The configuration for caddy is very basic. We put in our domain, we put in two reverse proxy entries. One for rails and one for the streaming server provided by node.js. Assuming you don’t need anything fancy, caddy provides SSL termination out of the box with no additional configuration.

# Caddyfile
polotek-social.local

reverse_proxy :3000
reverse_proxy /api/v1/streaming/* :4000

We put this in a file named Caddyfile in the root of our mastodon project, then in a new terminal window, start caddy.

> caddy run

Success?

If everything has gone as planned, you should be able to put your local mastodon domain in your browser and see the frontpage of mastodon!

A screenshot of a web browser. It shows the mastodon frontpage. The url in the address bar is https://polotek-social.local/explore.

Mastodon frontpage running under local domain!

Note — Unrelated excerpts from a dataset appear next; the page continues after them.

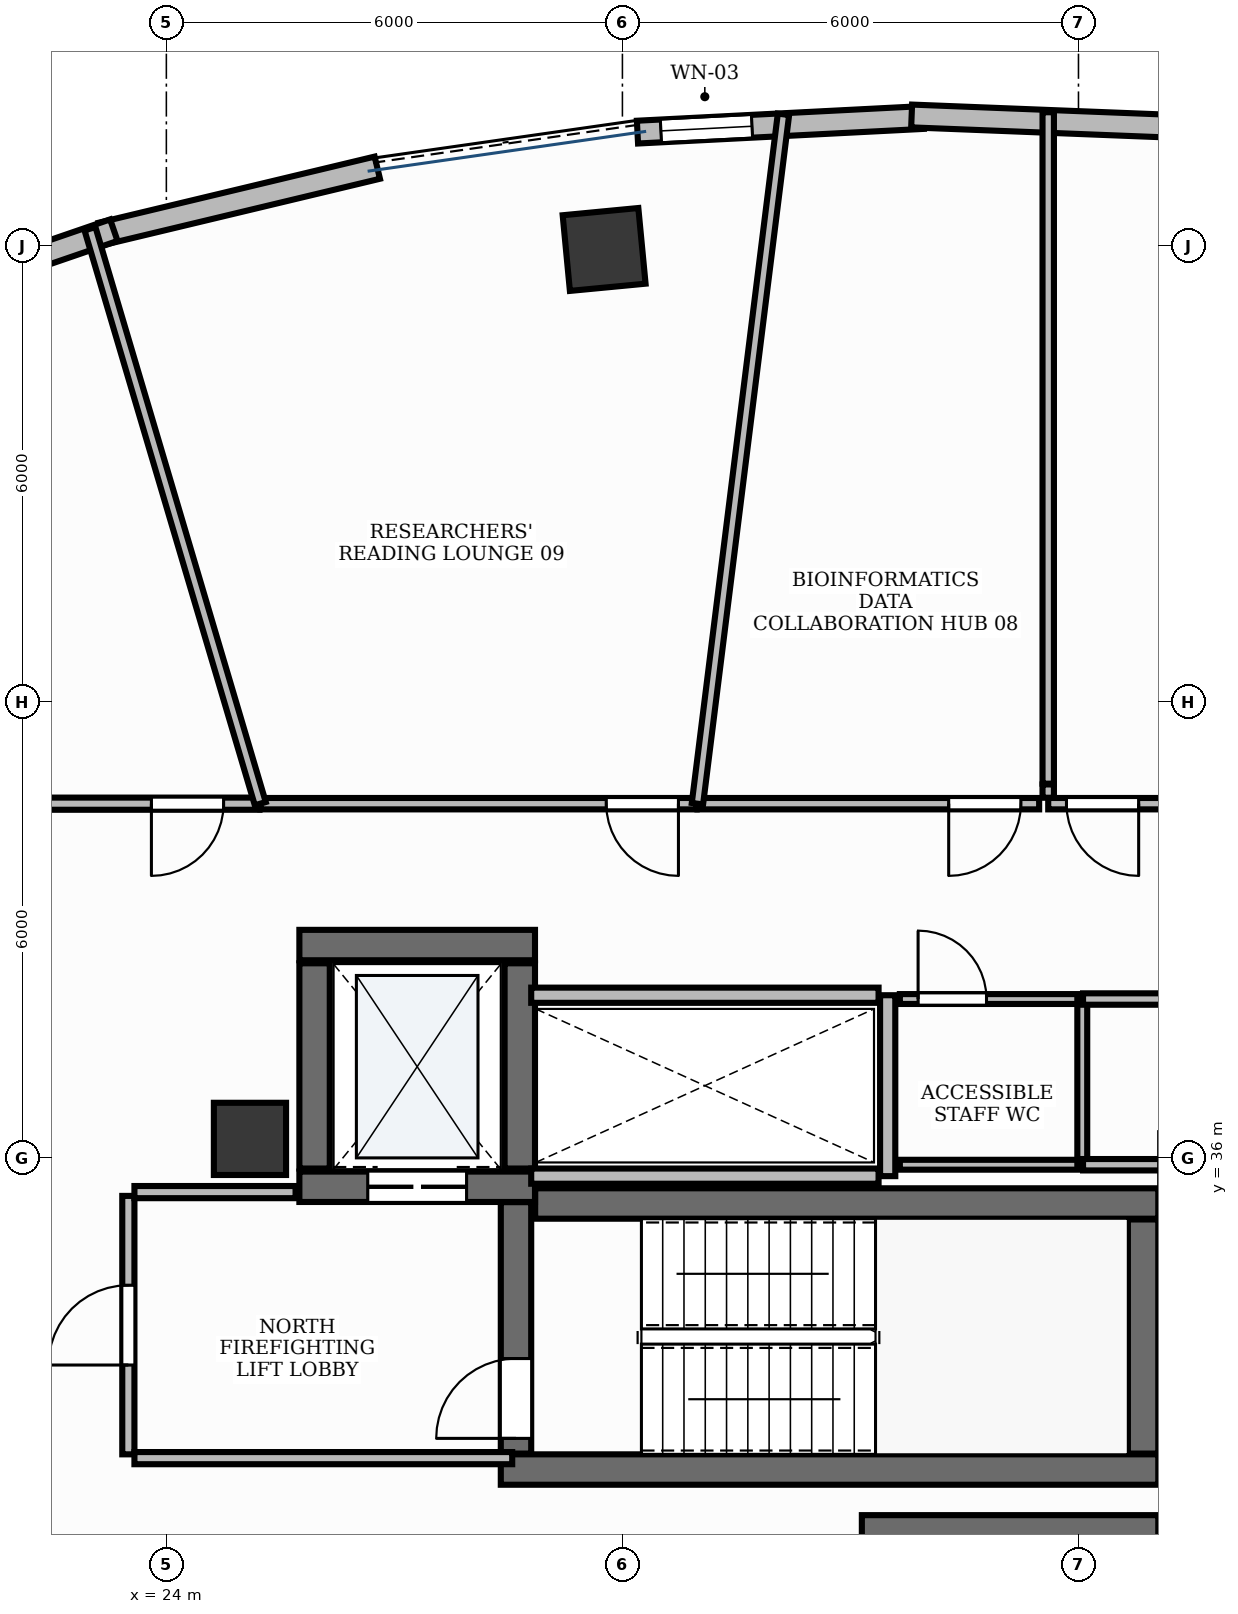
"""IFC4 building model, lengths in metres.
Left out: names, types, materials, properties, quantities, classifications, styles, units other than length and angle.
Written with IfcOpenShell. Run it as: python <this file> out.ifc"""

import sys

from ifc_helpers import new_model, si_unit, direction, frame, frame_2d, origin, origin_2d, place, context, subcontext, project, spatial, rectangle, extrude, element, fill, save


model = new_model("IFC4")
c1 = context("Model", 3, precision=1e-05, world=origin(), true_north=direction((0.0, 1.0)))
c2 = subcontext(c1, "Body", "Model", "MODEL_VIEW")
j1 = project(units=[si_unit("LENGTHUNIT", "METRE"), si_unit("PLANEANGLEUNIT", "RADIAN")], contexts=[c1])
p1 = place(None, origin())
s1 = spatial("IfcSite", under=j1, at=p1, CompositionType="ELEMENT")
p2 = place(p1, origin())
s2 = spatial("IfcBuilding", under=s1, at=p2, CompositionType="ELEMENT")
p3 = place(p2, frame((0.0, 0.0, 218.4)))
s3 = spatial("IfcBuildingStorey", under=s2, at=p3, CompositionType="ELEMENT", Elevation=218.4)
p4 = place(p3, frame((28.852, 35.4, 0.0), z_axis=(0.0, 0.0, 1.0), x_axis=(1.0, 0.0, 0.0)))
e1 = element("IfcWall", 1, at=p4, inside=s3, PredefinedType="SHEAR", context=c2, shape_type="SweptSolid", body=[
    extrude(rectangle(XDim=8.198, YDim=0.4, at=frame_2d((4.099, 0.0))), origin(), (0.0, 0.0, 1.0), 3.9),
])
p5 = place(p3, frame((28.4, 31.9, 0.0), z_axis=(0.0, 0.0, 1.0), x_axis=(1.0, 0.0, 0.0)))
e2 = element("IfcWall", 2, at=p5, inside=s3, PredefinedType="SHEAR", context=c2, shape_type="SweptSolid", body=[
    extrude(rectangle(XDim=8.65, YDim=0.4, at=frame_2d((4.325, 0.0))), origin(), (0.0, 0.0, 1.0), 3.9),
])
p6 = place(p3, frame((36.85, 32.11, 0.0), z_axis=(0.0, 0.0, 1.0), x_axis=(0.0, 1.0, 0.0)))
e3 = element("IfcWall", 3, at=p6, inside=s3, PredefinedType="SHEAR", context=c2, shape_type="SweptSolid", body=[
    extrude(rectangle(XDim=3.08, YDim=0.4, at=frame_2d((1.54, 0.0))), origin(), (0.0, 0.0, 1.0), 3.9),
])
p7 = place(p3, frame((28.6, 32.11, 0.0), z_axis=(0.0, 0.0, 1.0), x_axis=(0.0, 1.0, 0.0)))
e4 = element("IfcWall", 4, at=p7, inside=s3, PredefinedType="SHEAR", context=c2, shape_type="SweptSolid", body=[
    extrude(rectangle(XDim=3.308, YDim=0.4, at=frame_2d((1.654, 0.0))), origin(), (0.0, 0.0, 1.0), 3.9),
])
p8 = place(p7, frame((0.2, 0.0, 0.0)))
e5 = element("IfcOpeningElement", 5, at=p8, cuts=e4, PredefinedType="OPENING", context=c2, shape_type="SweptSolid", body=[
    extrude(rectangle(XDim=1.05, YDim=2.15, at=frame_2d((0.525, 1.075))), frame((0.0, 0.215, 0.0), z_axis=(0.0, -1.0, 0.0), x_axis=(1.0, 0.0, 0.0)), (0.0, 0.0, 1.0), 0.43),
])
p9 = place(p3, frame((33.15, 31.1, 0.0), z_axis=(0.0, 0.0, 1.0), x_axis=(1.0, 0.0, 0.0)))
e6 = element("IfcWall", 6, at=p9, inside=s3, PredefinedType="SHEAR", context=c2, shape_type="SweptSolid", body=[
    extrude(rectangle(XDim=3.9, YDim=0.4, at=frame_2d((1.95, 0.0))), origin(), (0.0, 0.0, 1.0), 3.9),
])
p10 = place(p3, frame((25.75, 38.8, 0.0), z_axis=(0.0, 0.0, 1.0), x_axis=(1.0, 0.0, 0.0)))
e7 = element("IfcWall", 7, at=p10, inside=s3, PredefinedType="SHEAR", context=c2, shape_type="SweptSolid", body=[
    extrude(rectangle(XDim=3.1, YDim=0.4, at=frame_2d((1.55, 0.0))), origin(), (0.0, 0.0, 1.0), 3.9),
])
p11 = place(p3, frame((25.75, 35.62, 0.0), z_axis=(0.0, 0.0, 1.0), x_axis=(1.0, 0.0, 0.0)))
e8 = element("IfcWall", 8, at=p11, inside=s3, PredefinedType="SHEAR", context=c2, shape_type="SweptSolid", body=[
    extrude(rectangle(XDim=3.1, YDim=0.4, at=frame_2d((1.55, 0.0))), origin(), (0.0, 0.0, 1.0), 3.9),
])
p12 = place(p11, frame((0.9, 0.0, 0.0)))
e9 = element("IfcOpeningElement", 9, at=p12, cuts=e8, PredefinedType="OPENING", context=c2, shape_type="SweptSolid", body=[
    extrude(rectangle(XDim=1.3, YDim=2.2, at=frame_2d((0.65, 1.1))), frame((0.0, 0.215, 0.0), z_axis=(0.0, -1.0, 0.0), x_axis=(1.0, 0.0, 0.0)), (0.0, 0.0, 1.0), 0.43),
])
for number, where, z_axis, x_axis in (
    (10, (25.95, 35.86, 0.0), (0.0, 0.0, 1.0), (0.0, 1.0, 0.0)),
    (11, (28.65, 35.86, 0.0), (0.0, 0.0, 1.0), (0.0, 1.0, 0.0)),
):
    element("IfcWall", number, at=place(p3, frame(where, z_axis=z_axis, x_axis=x_axis)), inside=s3, PredefinedType="SHEAR", context=c2, shape_type="SweptSolid", body=[
        extrude(rectangle(XDim=2.7, YDim=0.4, at=frame_2d((1.35, 0.0))), origin(), (0.0, 0.0, 1.0), 3.9),
    ])
p13 = place(p3, frame((25.1, 36.25, -0.0), z_axis=(0.0, 0.0, 1.0), x_axis=(1.0, 0.0, 0.0)))
e12 = element("IfcColumn", 12, at=p13, inside=s3, PredefinedType="PILASTER", context=c2, shape_type="SweptSolid", body=[
    extrude(rectangle(XDim=0.95, YDim=0.95, at=origin_2d()), origin(), (0.0, 0.0, 1.0), 3.901),
])
p14 = place(p3, frame((29.759, 47.951, -0.0), z_axis=(0.0, 0.0, 1.0), x_axis=(0.995462868748, 0.095150811579, 0.0)))
e13 = element("IfcColumn", 13, at=p14, inside=s3, PredefinedType="COLUMN", context=c2, shape_type="SweptSolid", body=[
    extrude(rectangle(XDim=1.0, YDim=1.0, at=origin_2d()), origin(), (0.0, 0.0, 1.0), 3.901),
])
p15 = place(p3, frame((33.958, 49.688, 0.0), z_axis=(0.0, 0.0, 1.0), x_axis=(-0.998693948377, -0.051092049037, 0.0)))
e14 = element("IfcWall", 14, at=p15, inside=s3, PredefinedType="STANDARD", context=c2, shape_type="SweptSolid", body=[
    extrude(rectangle(XDim=3.765, YDim=0.3, at=frame_2d((1.883, 0.0))), origin(), (0.0, 0.0, 1.0), 3.9),
])
p16 = place(p15, frame((2.257, 0.0, 0.9)))
e15 = element("IfcOpeningElement", 15, at=p16, cuts=e14, PredefinedType="OPENING", context=c2, shape_type="SweptSolid", body=[
    extrude(rectangle(XDim=1.2, YDim=2.7, at=frame_2d((0.6, 1.35))), frame((0.0, 0.165, 0.0), z_axis=(0.0, -1.0, 0.0), x_axis=(1.0, 0.0, 0.0)), (0.0, 0.0, 1.0), 0.33),
])
p17 = place(p3, frame((37.609, 49.557, 0.0), z_axis=(0.0, 0.0, 1.0), x_axis=(-0.999221923177, 0.039440439173, 0.0)))
e16 = element("IfcWall", 16, at=p17, inside=s3, PredefinedType="STANDARD", context=c2, shape_type="SweptSolid", body=[
    extrude(rectangle(XDim=3.807, YDim=0.3, at=frame_2d((1.903, 0.0))), origin(), (0.0, 0.0, 1.0), 3.9),
])
p18 = place(p3, frame((26.775, 49.027, 0.0), z_axis=(0.0, 0.0, 1.0), x_axis=(-0.972475629939, -0.233004611918, 0.0)))
e17 = element("IfcWall", 17, at=p18, inside=s3, PredefinedType="STANDARD", context=c2, shape_type="SweptSolid", body=[
    extrude(rectangle(XDim=3.735, YDim=0.3, at=frame_2d((1.868, 0.0))), origin(), (0.0, 0.0, 1.0), 3.9),
])
p19 = place(p3, frame((23.309, 48.205, 0.0), z_axis=(0.0, 0.0, 1.0), x_axis=(-0.945722383555, -0.32497565023, 0.0)))
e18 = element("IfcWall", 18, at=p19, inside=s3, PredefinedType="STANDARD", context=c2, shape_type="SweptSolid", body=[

In the future, I’ll be looking at how to get actual accounts set up and how to see what we can see under the hood of mastodon. I’m sure I’ll work to make all of this more developement friendly to work with. But I learned a lot about mastodon just by getting this to run. I hope some of these changes can be contributed back to the main project in the future. Or at least serve as lessons that can be incorporated. I’d like to see it be easier for more people to get mastodon set up and start poking around.